Margaret Walker, a secretary for the Kenyan Lawn Tennis Assn., said there are only six to eight juniors ranked in the country. Hundreds are ranked in the United States, and thousands more are playing highly competitive tennis.

Wekesa's hopes to make a big smash at Wimbledon this summer--if Kenya decides to send him to the world's premier tennis tournament.

And then, he'll decide whether or not to return to Chapman.

His decision, he said, has nothing to do with the attitudes of fellow students, but rather on his tennis progress.

"I don't really want to leave (Chapman)," Wekesa said, "but if my tennis really improves I'd like to go to a school that is really tough in tennis."

The Panthers were ranked second in the NCAA Division II preseason poll and are expected to challenge for the Division II title later in the season.
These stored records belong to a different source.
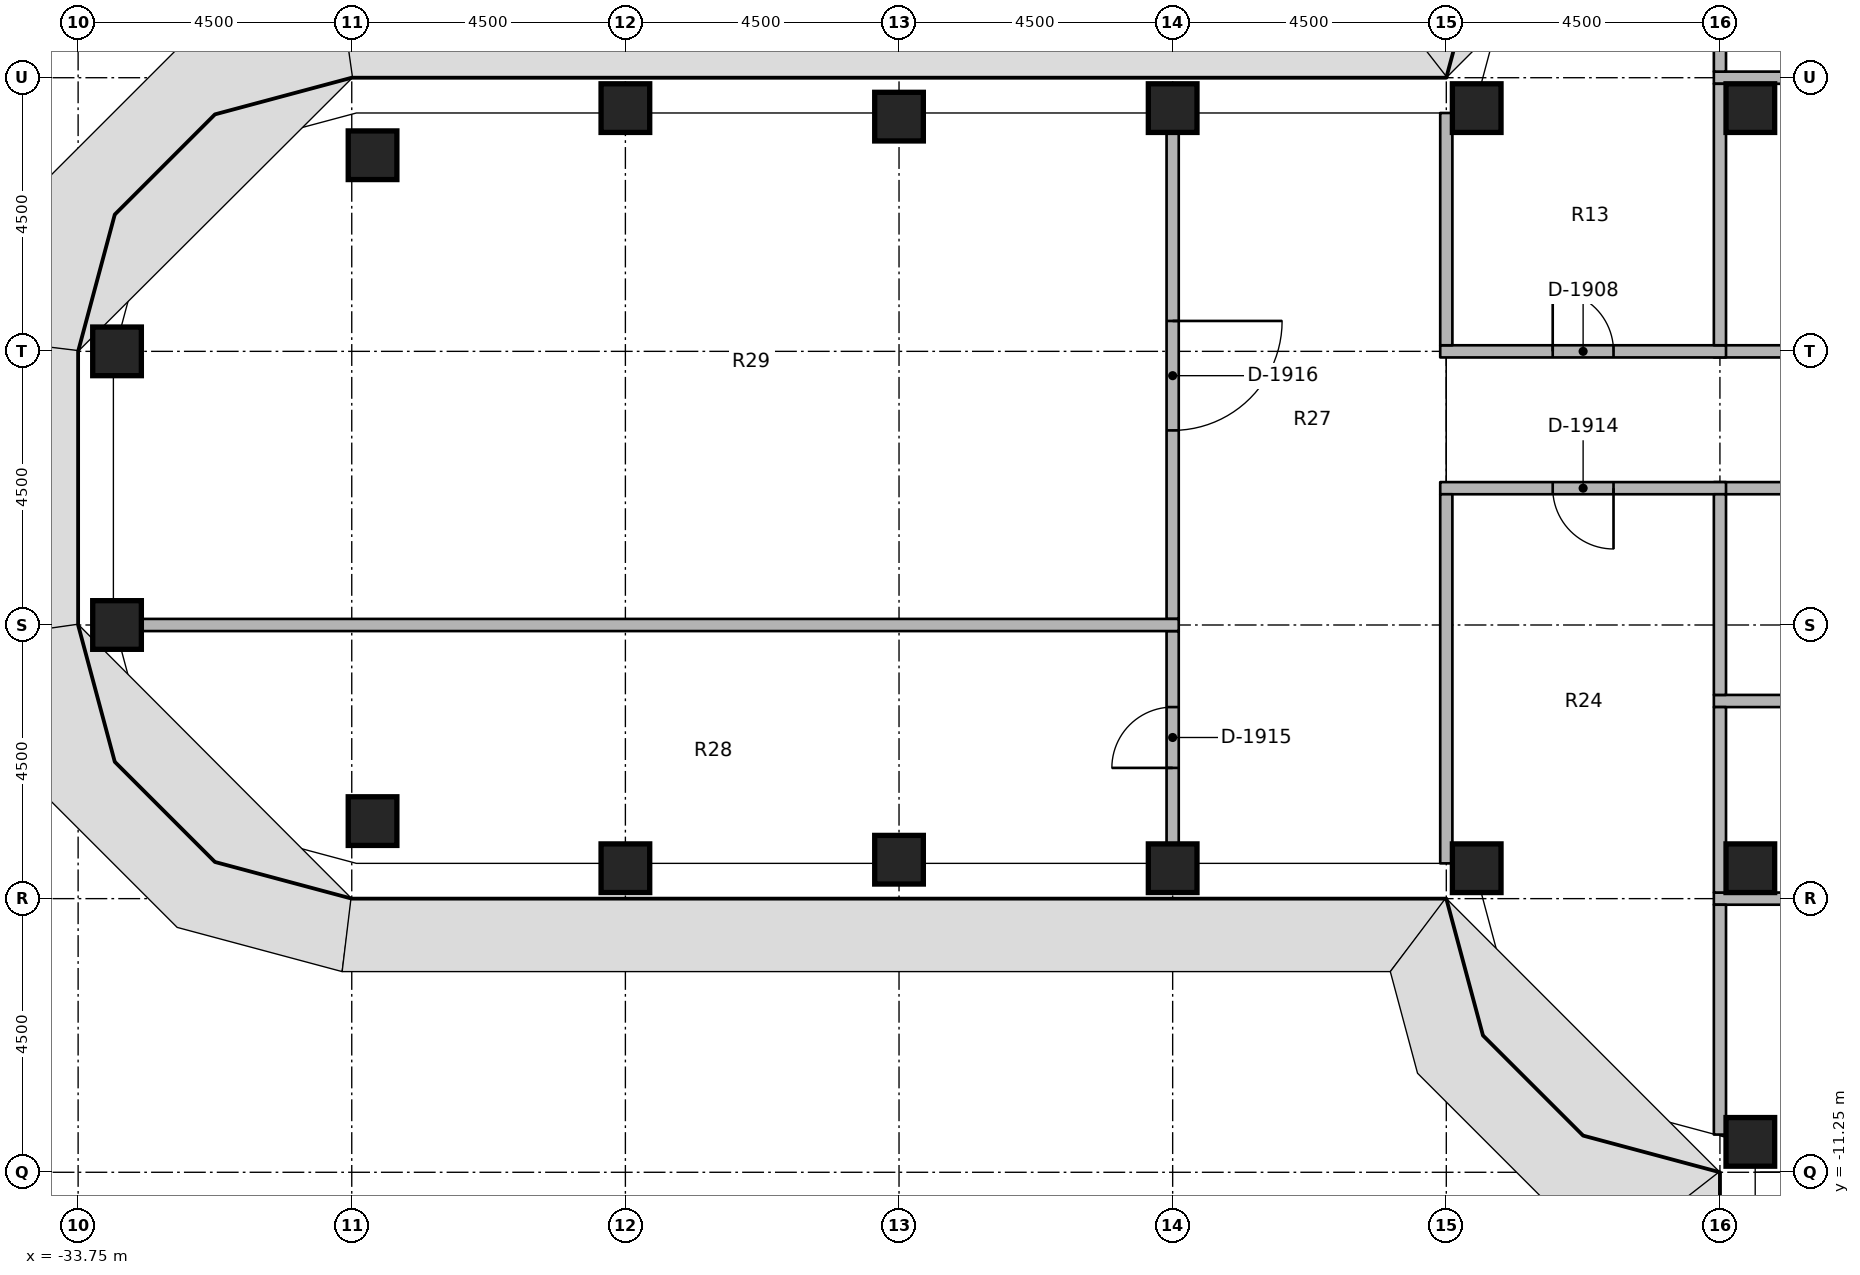
"""IFC4 building model, lengths in metres.
Left out: names, types, materials, properties, quantities, classifications, styles, units other than length and angle.
Written with IfcOpenShell. Run it as: python <this file> out.ifc"""

import sys

from ifc_helpers import new_model, si_unit, direction, frame, frame_2d, origin, origin_2d, place, context, subcontext, project, spatial, rectangle, extrude, element, fill, save


model = new_model("IFC4")
c1 = context("Model", 3, precision=1e-05, world=origin(), true_north=direction((0.0, 1.0)))
c2 = subcontext(c1, "Body", "Model", "MODEL_VIEW")
j1 = project(units=[si_unit("LENGTHUNIT", "METRE"), si_unit("PLANEANGLEUNIT", "RADIAN")], contexts=[c1])
p1 = place(None, origin())
s1 = spatial("IfcSite", under=j1, at=p1, CompositionType="ELEMENT")
p2 = place(p1, origin())
s2 = spatial("IfcBuilding", under=s1, at=p2, CompositionType="ELEMENT")
p3 = place(p2, frame((0.0, 0.0, 179.0)))
s3 = spatial("IfcBuildingStorey", under=s2, at=p3, CompositionType="ELEMENT", Elevation=179.0)
for number, where, z_axis, x_axis in (
    (1, (-33.11, -2.25, 0.0), (0.0, 0.0, 1.0), (1.0, 0.0, 0.0)),
    (2, (-33.11, 2.25, 0.0), (0.0, 0.0, 1.0), (1.0, 0.0, 0.0)),
    (3, (-28.908, -5.475, 0.0), (0.0, 0.0, 1.0), (1.0, 0.0, 0.0)),
    (4, (-28.908, 5.475, 0.0), (0.0, 0.0, 1.0), (1.0, 0.0, 0.0)),
    (5, (-24.75, -6.25, 0.0), (0.0, 0.0, 1.0), (1.0, 0.0, 0.0)),
    (6, (-24.75, 6.25, 0.0), (0.0, 0.0, 1.0), (1.0, 0.0, 0.0)),
    (7, (-20.25, -6.11, 0.0), (0.0, 0.0, 1.0), (1.0, 0.0, 0.0)),
    (8, (-20.25, 6.11, 0.0), (0.0, 0.0, 1.0), (1.0, 0.0, 0.0)),
    (9, (-15.75, -6.25, 0.0), (0.0, 0.0, 1.0), (1.0, 0.0, 0.0)),
    (10, (-15.75, 6.25, 0.0), (0.0, 0.0, 1.0), (1.0, 0.0, 0.0)),
    (11, (-10.75, -6.25, 0.0), (0.0, 0.0, 1.0), (1.0, 0.0, 0.0)),
    (12, (-10.75, 6.25, 0.0), (0.0, 0.0, 1.0), (1.0, 0.0, 0.0)),
    (13, (-6.25, -10.75, 0.0), (0.0, 0.0, 1.0), (1.0, 0.0, 0.0)),
    (14, (-6.25, -6.25, 0.0), (0.0, 0.0, 1.0), (1.0, 0.0, 0.0)),
    (15, (-6.25, 6.25, 0.0), (0.0, 0.0, 1.0), (1.0, 0.0, 0.0)),
):
    element("IfcColumn", number, at=place(p3, frame(where, z_axis=z_axis, x_axis=x_axis)), inside=s3, PredefinedType="COLUMN", context=c2, shape_type="SweptSolid", body=[
        extrude(rectangle(XDim=0.8, YDim=0.8, at=origin_2d()), origin(), (0.0, 0.0, 1.0), 3.65),
    ])
p4 = place(p3, frame((-6.85, 2.25, 0.0), z_axis=(0.0, 0.0, 1.0), x_axis=(1.0, 0.0, 0.0)))
e16 = element("IfcWall", 16, at=p4, inside=s3, PredefinedType="PARTITIONING", context=c2, shape_type="SweptSolid", body=[
    extrude(rectangle(XDim=5.825, YDim=0.2, at=frame_2d((2.913, 0.0))), origin(), (0.0, 0.0, 1.0), 2.75),
])
p5 = place(p4, frame((2.413, 0.0, 0.0)))
e17 = element("IfcOpeningElement", 17, at=p5, cuts=e16, PredefinedType="OPENING", context=c2, shape_type="SweptSolid", body=[
    extrude(rectangle(XDim=1.0, YDim=2.1, at=frame_2d((0.5, 1.05))), frame((0.0, 0.11, 0.0), z_axis=(0.0, -1.0, 0.0), x_axis=(1.0, 0.0, 0.0)), (0.0, 0.0, 1.0), 0.22),
])
p6 = place(p3, frame((-11.35, 2.25, 0.0), z_axis=(0.0, 0.0, 1.0), x_axis=(1.0, 0.0, 0.0)))
e18 = element("IfcWall", 18, at=p6, inside=s3, PredefinedType="PARTITIONING", context=c2, shape_type="SweptSolid", body=[
    extrude(rectangle(XDim=4.7, YDim=0.2, at=frame_2d((2.35, 0.0))), origin(), (0.0, 0.0, 1.0), 2.75),
])
p7 = place(p6, frame((1.85, 0.0, 0.0)))
e19 = element("IfcOpeningElement", 19, at=p7, cuts=e18, PredefinedType="OPENING", context=c2, shape_type="SweptSolid", body=[
    extrude(rectangle(XDim=1.0, YDim=2.1, at=frame_2d((0.5, 1.05))), frame((0.0, 0.11, 0.0), z_axis=(0.0, -1.0, 0.0), x_axis=(1.0, 0.0, 0.0)), (0.0, 0.0, 1.0), 0.22),
])
p8 = place(p3, frame((-1.025, 0.0, 0.0), z_axis=(0.0, 0.0, 1.0), x_axis=(-1.0, 0.0, 0.0)))
e20 = element("IfcWall", 20, at=p8, inside=s3, PredefinedType="PARTITIONING", context=c2, shape_type="SweptSolid", body=[
    extrude(rectangle(XDim=5.825, YDim=0.2, at=frame_2d((2.913, 0.0))), origin(), (0.0, 0.0, 1.0), 2.75),
])
p9 = place(p8, frame((2.462, 0.0, 0.0)))
e21 = element("IfcOpeningElement", 21, at=p9, cuts=e20, PredefinedType="OPENING", context=c2, shape_type="SweptSolid", body=[
    extrude(rectangle(XDim=0.9, YDim=2.1, at=frame_2d((0.45, 1.05))), frame((0.0, 0.11, 0.0), z_axis=(0.0, -1.0, 0.0), x_axis=(1.0, 0.0, 0.0)), (0.0, 0.0, 1.0), 0.22),
])
p10 = place(p3, frame((-6.65, 0.0, 0.0), z_axis=(0.0, 0.0, 1.0), x_axis=(-1.0, 0.0, 0.0)))
e22 = element("IfcWall", 22, at=p10, inside=s3, PredefinedType="PARTITIONING", context=c2, shape_type="SweptSolid", body=[
    extrude(rectangle(XDim=4.7, YDim=0.2, at=frame_2d((2.35, 0.0))), origin(), (0.0, 0.0, 1.0), 2.75),
])
p11 = place(p10, frame((1.85, 0.0, 0.0)))
e23 = element("IfcOpeningElement", 23, at=p11, cuts=e22, PredefinedType="OPENING", context=c2, shape_type="SweptSolid", body=[
    extrude(rectangle(XDim=1.0, YDim=2.1, at=frame_2d((0.5, 1.05))), frame((0.0, 0.11, 0.0), z_axis=(0.0, -1.0, 0.0), x_axis=(1.0, 0.0, 0.0)), (0.0, 0.0, 1.0), 0.22),
])
p12 = place(p3, frame((-6.85, 6.75, 0.0), z_axis=(0.0, 0.0, 1.0), x_axis=(1.0, 0.0, 0.0)))
e24 = element("IfcWall", 24, at=p12, inside=s3, PredefinedType="PARTITIONING", context=c2, shape_type="SweptSolid", body=[
    extrude(rectangle(XDim=5.825, YDim=0.2, at=frame_2d((2.913, 0.0))), origin(), (0.0, 0.0, 1.0), 2.75),
])
p13 = place(p3, frame((-6.75, 6.85, 0.0), z_axis=(0.0, 0.0, 1.0), x_axis=(0.0, 1.0, 0.0)))
e25 = element("IfcWall", 25, at=p13, inside=s3, PredefinedType="PARTITIONING", context=c2, shape_type="SweptSolid", body=[
    extrude(rectangle(XDim=3.78, YDim=0.2, at=frame_2d((1.89, 0.0))), origin(), (0.0, 0.0, 1.0), 2.75),
])
p14 = place(p3, frame((-6.85, -6.75, 0.0), z_axis=(0.0, 0.0, 1.0), x_axis=(1.0, 0.0, 0.0)))
e26 = element("IfcWall", 26, at=p14, inside=s3, PredefinedType="PARTITIONING", context=c2, shape_type="SweptSolid", body=[
    extrude(rectangle(XDim=5.825, YDim=0.2, at=frame_2d((2.913, 0.0))), origin(), (0.0, 0.0, 1.0), 2.75),
])
p15 = place(p3, frame((-6.75, -10.63, 0.0), z_axis=(0.0, 0.0, 1.0), x_axis=(0.0, 1.0, 0.0)))
e27 = element("IfcWall", 27, at=p15, inside=s3, PredefinedType="PARTITIONING", context=c2, shape_type="SweptSolid", body=[
    extrude(rectangle(XDim=3.78, YDim=0.2, at=frame_2d((1.89, 0.0))), origin(), (0.0, 0.0, 1.0), 2.75),
])
p16 = place(p3, frame((-6.75, 2.35, 0.0), z_axis=(0.0, 0.0, 1.0), x_axis=(0.0, 1.0, 0.0)))
e28 = element("IfcWall", 28, at=p16, inside=s3, PredefinedType="PARTITIONING", context=c2, shape_type="SweptSolid", body=[
    extrude(rectangle(XDim=4.3, YDim=0.2, at=frame_2d((2.15, 0.0))), origin(), (0.0, 0.0, 1.0), 2.75),
])
p17 = place(p3, frame((-11.25, 2.35, 0.0), z_axis=(0.0, 0.0, 1.0), x_axis=(0.0, 1.0, 0.0)))
e29 = element("IfcWall", 29, at=p17, inside=s3, PredefinedType="PARTITIONING", context=c2, shape_type="SweptSolid", body=[
    extrude(rectangle(XDim=3.82, YDim=0.2, at=frame_2d((1.91, 0.0))), origin(), (0.0, 0.0, 1.0), 2.75),
])
p18 = place(p3, frame((-6.85, -3.5, 0.0), z_axis=(0.0, 0.0, 1.0), x_axis=(1.0, 0.0, 0.0)))
e30 = element("IfcWall", 30, at=p18, inside=s3, PredefinedType="PARTITIONING", context=c2, shape_type="SweptSolid", body=[
    extrude(rectangle(XDim=5.825, YDim=0.2, at=frame_2d((2.913, 0.0))), origin(), (0.0, 0.0, 1.0), 2.75),
])
p19 = place(p3, frame((-6.75, -3.4, 0.0), z_axis=(0.0, 0.0, 1.0), x_axis=(0.0, 1.0, 0.0)))
e31 = element("IfcWall", 31, at=p19, inside=s3, PredefinedType="PARTITIONING", context=c2, shape_type="SweptSolid", body=[
    extrude(rectangle(XDim=3.3, YDim=0.2, at=frame_2d((1.65, 0.0))), origin(), (0.0, 0.0, 1.0), 2.75),
])
p20 = place(p3, frame((-6.75, -6.65, 0.0), z_axis=(0.0, 0.0, 1.0), x_axis=(0.0, 1.0, 0.0)))
e32 = element("IfcWall", 32, at=p20, inside=s3, PredefinedType="PARTITIONING", context=c2, shape_type="SweptSolid", body=[
    extrude(rectangle(XDim=3.05, YDim=0.2, at=frame_2d((1.525, 0.0))), origin(), (0.0, 0.0, 1.0), 2.75),
])
p21 = place(p3, frame((-11.25, -6.17, 0.0), z_axis=(0.0, 0.0, 1.0), x_axis=(0.0, 1.0, 0.0)))
e33 = element("IfcWall", 33, at=p21, inside=s3, PredefinedType="PARTITIONING", context=c2, shape_type="SweptSolid", body=[
    extrude(rectangle(XDim=6.07, YDim=0.2, at=frame_2d((3.035, 0.0))), origin(), (0.0, 0.0, 1.0), 2.75),
])
p22 = place(p3, frame((-15.75, -5.85, 0.0), z_axis=(0.0, 0.0, 1.0), x_axis=(0.0, 1.0, 0.0)))
e34 = element("IfcWall", 34, at=p22, inside=s3, PredefinedType="PARTITIONING", context=c2, shape_type="SweptSolid", body=[
    extrude(rectangle(XDim=3.5, YDim=0.2, at=frame_2d((1.75, 0.0))), origin(), (0.0, 0.0, 1.0), 2.75),
])
p23 = place(p22, frame((1.25, 0.0, 0.0)))
e35 = element("IfcOpeningElement", 35, at=p23, cuts=e34, PredefinedType="OPENING", context=c2, shape_type="SweptSolid", body=[
    extrude(rectangle(XDim=1.0, YDim=2.1, at=frame_2d((0.5, 1.05))), frame((0.0, 0.11, 0.0), z_axis=(0.0, -1.0, 0.0), x_axis=(1.0, 0.0, 0.0)), (0.0, 0.0, 1.0), 0.22),
])
p24 = place(p3, frame((-15.75, 5.85, 0.0), z_axis=(0.0, 0.0, 1.0), x_axis=(0.0, -1.0, 0.0)))
e36 = element("IfcWall", 36, at=p24, inside=s3, PredefinedType="PARTITIONING", context=c2, shape_type="SweptSolid", body=[
    extrude(rectangle(XDim=8.0, YDim=0.2, at=frame_2d((4.0, 0.0))), origin(), (0.0, 0.0, 1.0), 2.75),
])
p25 = place(p24, frame((3.1, 0.0, 0.0)))
e37 = element("IfcOpeningElement", 37, at=p25, cuts=e36, PredefinedType="OPENING", context=c2, shape_type="SweptSolid", body=[
    extrude(rectangle(XDim=1.8, YDim=2.1, at=frame_2d((0.9, 1.05))), frame((0.0, 0.11, 0.0), z_axis=(0.0, -1.0, 0.0), x_axis=(1.0, 0.0, 0.0)), (0.0, 0.0, 1.0), 0.22),
])
p26 = place(p3, frame((-32.71, -2.25, 0.0), z_axis=(0.0, 0.0, 1.0), x_axis=(1.0, 0.0, 0.0)))
e38 = element("IfcWall", 38, at=p26, inside=s3, PredefinedType="PARTITIONING", context=c2, shape_type="SweptSolid", body=[
    extrude(rectangle(XDim=17.06, YDim=0.2, at=frame_2d((8.53, 0.0))), origin(), (0.0, 0.0, 1.0), 2.75),
])
p27 = place(p7, origin())
e39 = element("IfcDoor", 39, at=p27, inside=s3, OperationType="SINGLE_SWING_RIGHT", PredefinedType="DOOR", context=c2, shape_type="SweptSolid", body=[
    extrude(rectangle(XDim=1.0, YDim=2.1, at=frame_2d((0.5, 1.05))), frame((0.0, 0.025, 0.0), z_axis=(0.0, -1.0, 0.0), x_axis=(1.0, 0.0, 0.0)), (0.0, 0.0, 1.0), 0.05),
])
fill(e19, e39)
p28 = place(p11, origin())
e40 = element("IfcDoor", 40, at=p28, inside=s3, OperationType="SINGLE_SWING_RIGHT", PredefinedType="DOOR", context=c2, shape_type="SweptSolid", body=[
    extrude(rectangle(XDim=1.0, YDim=2.1, at=frame_2d((0.5, 1.05))), frame((0.0, 0.025, 0.0), z_axis=(0.0, -1.0, 0.0), x_axis=(1.0, 0.0, 0.0)), (0.0, 0.0, 1.0), 0.05),
])
fill(e23, e40)
p29 = place(p23, origin())
e41 = element("IfcDoor", 41, at=p29, inside=s3, OperationType="SINGLE_SWING_RIGHT", PredefinedType="DOOR", context=c2, shape_type="SweptSolid", body=[
    extrude(rectangle(XDim=1.0, YDim=2.1, at=frame_2d((0.5, 1.05))), frame((0.0, 0.025, 0.0), z_axis=(0.0, -1.0, 0.0), x_axis=(1.0, 0.0, 0.0)), (0.0, 0.0, 1.0), 0.05),
])
fill(e35, e41)
p30 = place(p25, origin())
e42 = element("IfcDoor", 42, at=p30, inside=s3, OperationType="DOUBLE_DOOR_SINGLE_SWING", PredefinedType="DOOR", context=c2, shape_type="SweptSolid", body=[
    extrude(rectangle(XDim=1.8, YDim=2.1, at=frame_2d((0.9, 1.05))), frame((0.0, 0.025, 0.0), z_axis=(0.0, -1.0, 0.0), x_axis=(1.0, 0.0, 0.0)), (0.0, 0.0, 1.0), 0.05),
])
fill(e37, e42)
save(model, sys.argv[1])

Wekesa, who plays No. 5 singles, has lost twice in 10 singles matches. He made the team three weeks ago after beating the No. 6 player, Paul Charlesworth. He hopes to move to the No. 4 spot by the season's end.

Wekesa said his chances of getting a scholarship are slim because Edles knows he may leave after the season. But he must think of his future if he is to help Kenya become competitive in tennis.

And if he should leave Chapman after the season, he knows the stay was worth the hassles. The New World has taught him something about adjusting to changes.